I didn't bring my camera with me, but the bean plants at the community garden plot got tomato cages placed around them, too. Wait you didn't know about the bean plants?? Oh right, I haven't told you yet. I planted a zilllion beans at the minifarm. In counting the ones that have sprouted, I think the tally is 16 black eyed pea plants, (hope we like black eyed peas...), something around 8 green bean plants, 2 "royalty purple pod beans" (sounds exotic) and 1 golden wax bean. The directions for the beans said to place structures for them to climb around on before planting them, but I was eager to get my seeds in the ground. Now that they've sprouted, I'm short on time (and creative energy) and thus chose the easiest bean jungle gym I could imagine constructing - tomato cages. Hopefully beans like tomato cages and my experiment doesn't turn into a disaster ha.

And while we're on the subject of beans, the fava beans are coming into their glory and I picked a gorgeous harvest today.

Maybe someday I'll post a tutorial on how I made this little veggie bag. Suffice it to say it was easy. 

There are some peas in the mix as well. This is by far the biggest harvest I've had of homegrown goodies.

By the way, growing my own vegetables is getting to be addicting.

Now...does anyone have any good fava bean recipes?

Tuesday, January 18, 2011

hanging in there.


January 18th. Yikes! Our wedding is exactly five months away, and this date marks one month since my last post. Can I say I've been busy? December had Christmas, and so far January has been...you guessed it...wedding wedding wedding. Hence why I haven't updated the blog in so long!

While some days I feel like I'm truly "hanging in there," the title of today's post is really in reference to our little plot. Just before Christmas, I noticed that our seedlings were looking pretty sick. Examples:


(poor babies!)

Thanks to some quick internet research, I learned that our seedlings were suffering from nutrient deficiency, most likely nitrogen. I posted some photos on down to earth forums and the community there agreed with my diagnosis.

Basically, J and I learned the hard way that healthy soil is the first step to healthy plants. The forum-goers offered all sorts of wonderful advice on organic fertilizers, and kindly pointed out that the bark mulch was robbing the soil of nitrogen as it decomposed (oh.). We were advised by a few to start over, after amending the soil, but being stubborn as I am I decided to fertilize like mad and hope for the best.

Step 1: Get back from being at your parent's house for Christmas, see that your planties are looking worse, rush to the garden center and buy whatever has the most nitrogen in it (bat guano), and use as directed.

Step 2: Visit the garden with your fiance, then rope him in to helping you pick the bark mulch out of the 24 square foot plot. Laugh a lot and realize that tedious chores are always more enjoyable when performed with a best buddy. Walk back home a little happier.

Step 3: Check out the garden section of your local Whole Foods, then realize (joy of joys!) that they sell worm castings. Tell yourself that you don't need to start a worm farm now that you know where to get the good stuff. Starting a regular compost bin will do. Buy the castings and mulch your plot with them.
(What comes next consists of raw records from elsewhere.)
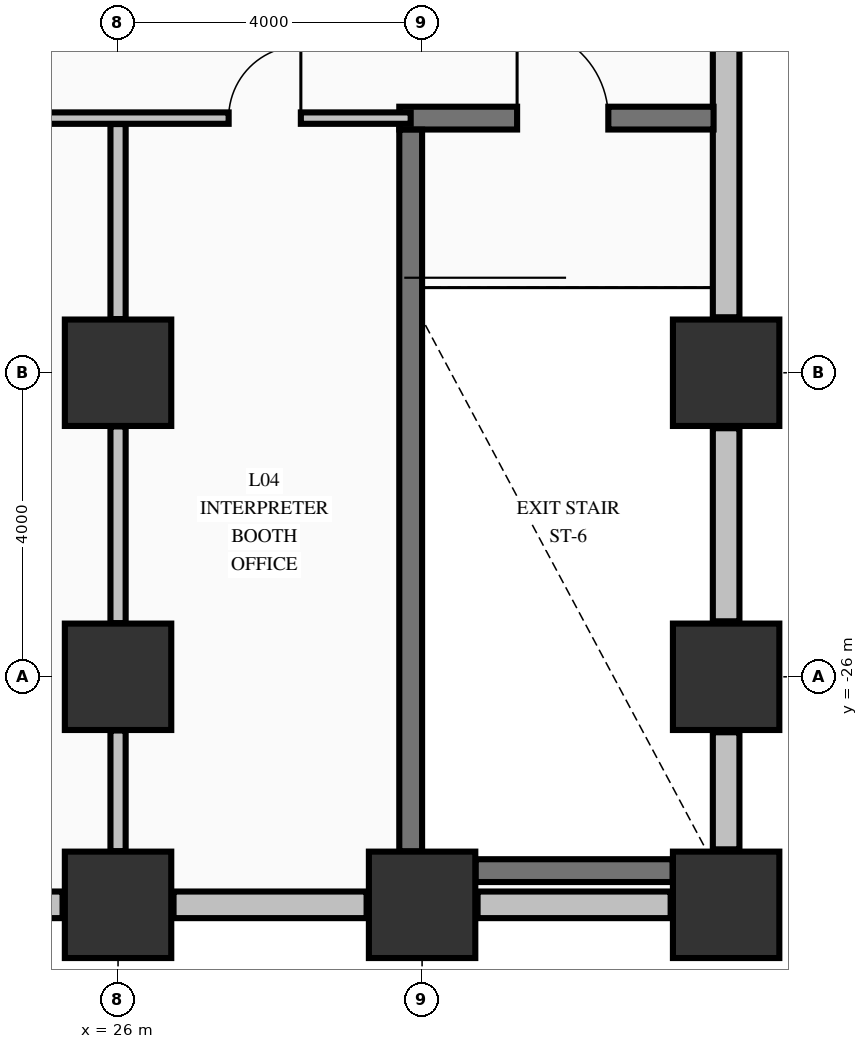
"""IFC4 building model, lengths in metres.
Left out: names, types, materials, properties, quantities, classifications, styles, units other than length and angle.
Written with IfcOpenShell. Run it as: python <this file> out.ifc"""

import sys

from ifc_helpers import new_model, si_unit, direction, frame, frame_2d, origin, origin_2d, place, context, subcontext, project, spatial, rectangle, extrude, element, fill, save


model = new_model("IFC4")
c1 = context("Model", 3, precision=1e-05, world=origin(), true_north=direction((0.0, 1.0)))
c2 = subcontext(c1, "Body", "Model", "MODEL_VIEW")
j1 = project(units=[si_unit("LENGTHUNIT", "METRE"), si_unit("PLANEANGLEUNIT", "RADIAN")], contexts=[c1])
p1 = place(None, origin())
s1 = spatial("IfcSite", under=j1, at=p1, CompositionType="ELEMENT")
p2 = place(p1, origin())
s2 = spatial("IfcBuilding", under=s1, at=p2, CompositionType="ELEMENT")
p3 = place(p2, frame((0.0, 0.0, 21.76)))
s3 = spatial("IfcBuildingStorey", under=s2, at=p3, CompositionType="ELEMENT", Elevation=21.76)
for number, where, z_axis, x_axis in (
    (1, (26.0, -29.0, -0.45), (0.0, 0.0, 1.0), (1.0, 0.0, 0.0)),
    (2, (26.0, -26.0, -0.45), (0.0, 0.0, 1.0), (1.0, 0.0, 0.0)),
    (3, (26.0, -22.0, -0.45), (0.0, 0.0, 1.0), (1.0, 0.0, 0.0)),
    (4, (30.0, -29.0, -0.45), (0.0, 0.0, 1.0), (1.0, 0.0, 0.0)),
    (5, (34.0, -29.0, -0.45), (0.0, 0.0, 1.0), (1.0, 0.0, 0.0)),
    (6, (34.0, -26.0, -0.45), (0.0, 0.0, 1.0), (1.0, 0.0, 0.0)),
    (7, (34.0, -22.0, -0.45), (0.0, 0.0, 1.0), (1.0, 0.0, 0.0)),
):
    element("IfcColumn", number, at=place(p3, frame(where, z_axis=z_axis, x_axis=x_axis)), inside=s3, PredefinedType="COLUMN", context=c2, shape_type="SweptSolid", body=[
        extrude(rectangle(XDim=1.4, YDim=1.4, at=origin_2d()), origin(), (0.0, 0.0, 1.0), 5.44),
    ])
p4 = place(p3, frame((23.0, -29.0, 0.0), z_axis=(0.0, 0.0, 1.0), x_axis=(1.0, 0.0, 0.0)))
e8 = element("IfcWall", 8, at=p4, inside=s3, PredefinedType="STANDARD", context=c2, shape_type="SweptSolid", body=[
    extrude(rectangle(XDim=2.27, YDim=0.35, at=frame_2d((1.135, 0.0))), origin(), (0.0, 0.0, 1.0), 3.332),
])
for number, where, z_axis, x_axis in (
    (9, (26.73, -29.0, 0.0), (0.0, 0.0, 1.0), (1.0, 0.0, 0.0)),
    (10, (30.73, -29.0, 0.0), (0.0, 0.0, 1.0), (1.0, 0.0, 0.0)),
):
    element("IfcWall", number, at=place(p3, frame(where, z_axis=z_axis, x_axis=x_axis)), inside=s3, PredefinedType="STANDARD", context=c2, shape_type="SweptSolid", body=[
        extrude(rectangle(XDim=2.54, YDim=0.35, at=frame_2d((1.27, 0.0))), origin(), (0.0, 0.0, 1.0), 3.332),
    ])
p5 = place(p3, frame((34.0, -26.73, 0.0), z_axis=(0.0, 0.0, 1.0), x_axis=(0.0, -1.0, 0.0)))
e11 = element("IfcWall", 11, at=p5, inside=s3, PredefinedType="STANDARD", context=c2, shape_type="SweptSolid", body=[
    extrude(rectangle(XDim=1.54, YDim=0.35, at=frame_2d((0.77, 0.0))), origin(), (0.0, 0.0, 1.0), 4.99),
])
p6 = place(p3, frame((34.0, -22.73, 0.0), z_axis=(0.0, 0.0, 1.0), x_axis=(0.0, -1.0, 0.0)))
e12 = element("IfcWall", 12, at=p6, inside=s3, PredefinedType="STANDARD", context=c2, shape_type="SweptSolid", body=[
    extrude(rectangle(XDim=2.54, YDim=0.35, at=frame_2d((1.27, 0.0))), origin(), (0.0, 0.0, 1.0), 4.99),
])
p7 = place(p3, frame((34.0, -16.73, 0.0), z_axis=(0.0, 0.0, 1.0), x_axis=(0.0, -1.0, 0.0)))
e13 = element("IfcWall", 13, at=p7, inside=s3, PredefinedType="STANDARD", context=c2, shape_type="SweptSolid", body=[
    extrude(rectangle(XDim=4.54, YDim=0.35, at=frame_2d((2.27, 0.0))), origin(), (0.0, 0.0, 1.0), 4.99),
])
p8 = place(p3, frame((30.704, -28.55, 0.0), z_axis=(0.0, 0.0, 1.0), x_axis=(1.0, 0.0, 0.0)))
e14 = element("IfcWall", 14, at=p8, inside=s3, PredefinedType="SHEAR", context=c2, shape_type="SweptSolid", body=[
    extrude(rectangle(XDim=2.592, YDim=0.3, at=frame_2d((1.296, 0.0))), origin(), (0.0, 0.0, 1.0), 4.99),
])
p9 = place(p3, frame((29.7, -18.65, 0.0), z_axis=(0.0, 0.0, 1.0), x_axis=(1.0, 0.0, 0.0)))
e15 = element("IfcWall", 15, at=p9, inside=s3, PredefinedType="SHEAR", context=c2, shape_type="SweptSolid", body=[
    extrude(rectangle(XDim=4.135, YDim=0.3, at=frame_2d((2.067, 0.0))), origin(), (0.0, 0.0, 1.0), 4.99),
])
p10 = place(p9, frame((1.55, 0.0, 0.0)))
e16 = element("IfcOpeningElement", 16, at=p10, cuts=e15, PredefinedType="OPENING", context=c2, shape_type="SweptSolid", body=[
    extrude(rectangle(XDim=1.2, YDim=2.15, at=frame_2d((0.6, 1.075))), frame((0.0, 0.16, 0.0), z_axis=(0.0, -1.0, 0.0), x_axis=(1.0, 0.0, 0.0)), (0.0, 0.0, 1.0), 0.32),
])
p11 = place(p3, frame((10.9, -18.65, 0.0), z_axis=(0.0, 0.0, 1.0), x_axis=(1.0, 0.0, 0.0)))
e17 = element("IfcWall", 17, at=p11, inside=s3, PredefinedType="PARTITIONING", context=c2, shape_type="SweptSolid", body=[
    extrude(rectangle(XDim=18.95, YDim=0.15, at=frame_2d((9.475, 0.0))), origin(), (0.0, 0.0, 1.0), 4.99),
])
p12 = place(p11, frame((4.0, 0.0, 0.0)))
e18 = element("IfcOpeningElement", 18, at=p12, cuts=e17, PredefinedType="OPENING", context=c2, shape_type="SweptSolid", body=[
    extrude(rectangle(XDim=1.2, YDim=2.15, at=frame_2d((0.6, 1.075))), frame((0.0, 0.085, 0.0), z_axis=(0.0, -1.0, 0.0), x_axis=(1.0, 0.0, 0.0)), (0.0, 0.0, 1.0), 0.17),
])
p13 = place(p11, frame((11.625, 0.0, 0.0)))
e19 = element("IfcOpeningElement", 19, at=p13, cuts=e17, PredefinedType="OPENING", context=c2, shape_type="SweptSolid", body=[
    extrude(rectangle(XDim=0.95, YDim=2.15, at=frame_2d((0.475, 1.075))), frame((0.0, 0.085, 0.0), z_axis=(0.0, -1.0, 0.0), x_axis=(1.0, 0.0, 0.0)), (0.0, 0.0, 1.0), 0.17),
])
p14 = place(p11, frame((16.555, 0.0, 0.0)))
e20 = element("IfcOpeningElement", 20, at=p14, cuts=e17, PredefinedType="OPENING", context=c2, shape_type="SweptSolid", body=[
    extrude(rectangle(XDim=0.95, YDim=2.15, at=frame_2d((0.475, 1.075))), frame((0.0, 0.085, 0.0), z_axis=(0.0, -1.0, 0.0), x_axis=(1.0, 0.0, 0.0)), (0.0, 0.0, 1.0), 0.17),
])
p15 = place(p3, frame((29.85, -28.296, 0.0), z_axis=(0.0, 0.0, 1.0), x_axis=(0.0, 1.0, 0.0)))
e21 = element("IfcWall", 21, at=p15, inside=s3, PredefinedType="SHEAR", context=c2, shape_type="SweptSolid", body=[
    extrude(rectangle(XDim=9.494, YDim=0.3, at=frame_2d((4.747, 0.0))), origin(), (0.0, 0.0, 1.0), 4.99),
])
p16 = place(p3, frame((26.0, -28.294, 0.0), z_axis=(0.0, 0.0, 1.0), x_axis=(0.0, 1.0, 0.0)))
e22 = element("IfcWall", 22, at=p16, inside=s3, PredefinedType="PARTITIONING", context=c2, shape_type="SweptSolid", body=[
    extrude(rectangle(XDim=1.588, YDim=0.2, at=frame_2d((0.794, 0.0))), origin(), (0.0, 0.0, 1.0), 3.332),
])
p17 = place(p3, frame((26.0, -25.294, 0.0), z_axis=(0.0, 0.0, 1.0), x_axis=(0.0, 1.0, 0.0)))
e23 = element("IfcWall", 23, at=p17, inside=s3, PredefinedType="PARTITIONING", context=c2, shape_type="SweptSolid", body=[
    extrude(rectangle(XDim=2.588, YDim=0.2, at=frame_2d((1.294, 0.0))), origin(), (0.0, 0.0, 1.0), 3.332),
])
p18 = place(p3, frame((26.0, -21.294, 0.0), z_axis=(0.0, 0.0, 1.0), x_axis=(0.0, 1.0, 0.0)))
e24 = element("IfcWall", 24, at=p18, inside=s3, PredefinedType="PARTITIONING", context=c2, shape_type="SweptSolid", body=[
    extrude(rectangle(XDim=2.566, YDim=0.2, at=frame_2d((1.283, 0.0))), origin(), (0.0, 0.0, 1.0), 3.332),
])
p19 = place(p10, origin())
e25 = element("IfcDoor", 25, at=p19, inside=s3, OperationType="SINGLE_SWING_LEFT", PredefinedType="DOOR", context=c2, shape_type="SweptSolid", body=[
    extrude(rectangle(XDim=1.2, YDim=2.15, at=frame_2d((0.6, 1.075))), frame((0.0, 0.025, 0.0), z_axis=(0.0, -1.0, 0.0), x_axis=(1.0, 0.0, 0.0)), (0.0, 0.0, 1.0), 0.05),
])
fill(e16, e25)
p20 = place(p14, origin())
e26 = element("IfcDoor", 26, at=p20, inside=s3, OperationType="SINGLE_SWING_RIGHT", PredefinedType="DOOR", context=c2, shape_type="SweptSolid", body=[
    extrude(rectangle(XDim=0.95, YDim=2.15, at=frame_2d((0.475, 1.075))), frame((0.0, 0.025, 0.0), z_axis=(0.0, -1.0, 0.0), x_axis=(1.0, 0.0, 0.0)), (0.0, 0.0, 1.0), 0.05),
])
fill(e20, e26)
save(model, sys.argv[1])

Step 4: Be really really excited when your plants regain their color and show signs of producing something edible!!!!


Fava Flowers
Looks like real kale
Swelling Radish
Pea Flowers!



































So that's the story about how this nurse nursed her garden back to health. And in keeping with my ultimate credo that prevention is the best medicine, I've started a compost bin in my back yard for kitchen scraps and the like. I've even got a date to pick up manure to add to the bin from my buddies who have back yard chickens. The idea being that once these crops are done, the compost will be ready and I'll be able to add it to the plot just in time for summer planting (yum!)

My bike basket brimming with palm fronds, after I rode around the neighborhood looking for "dry brown things" for my compost bin. I'm turning into a crazy person, I really am.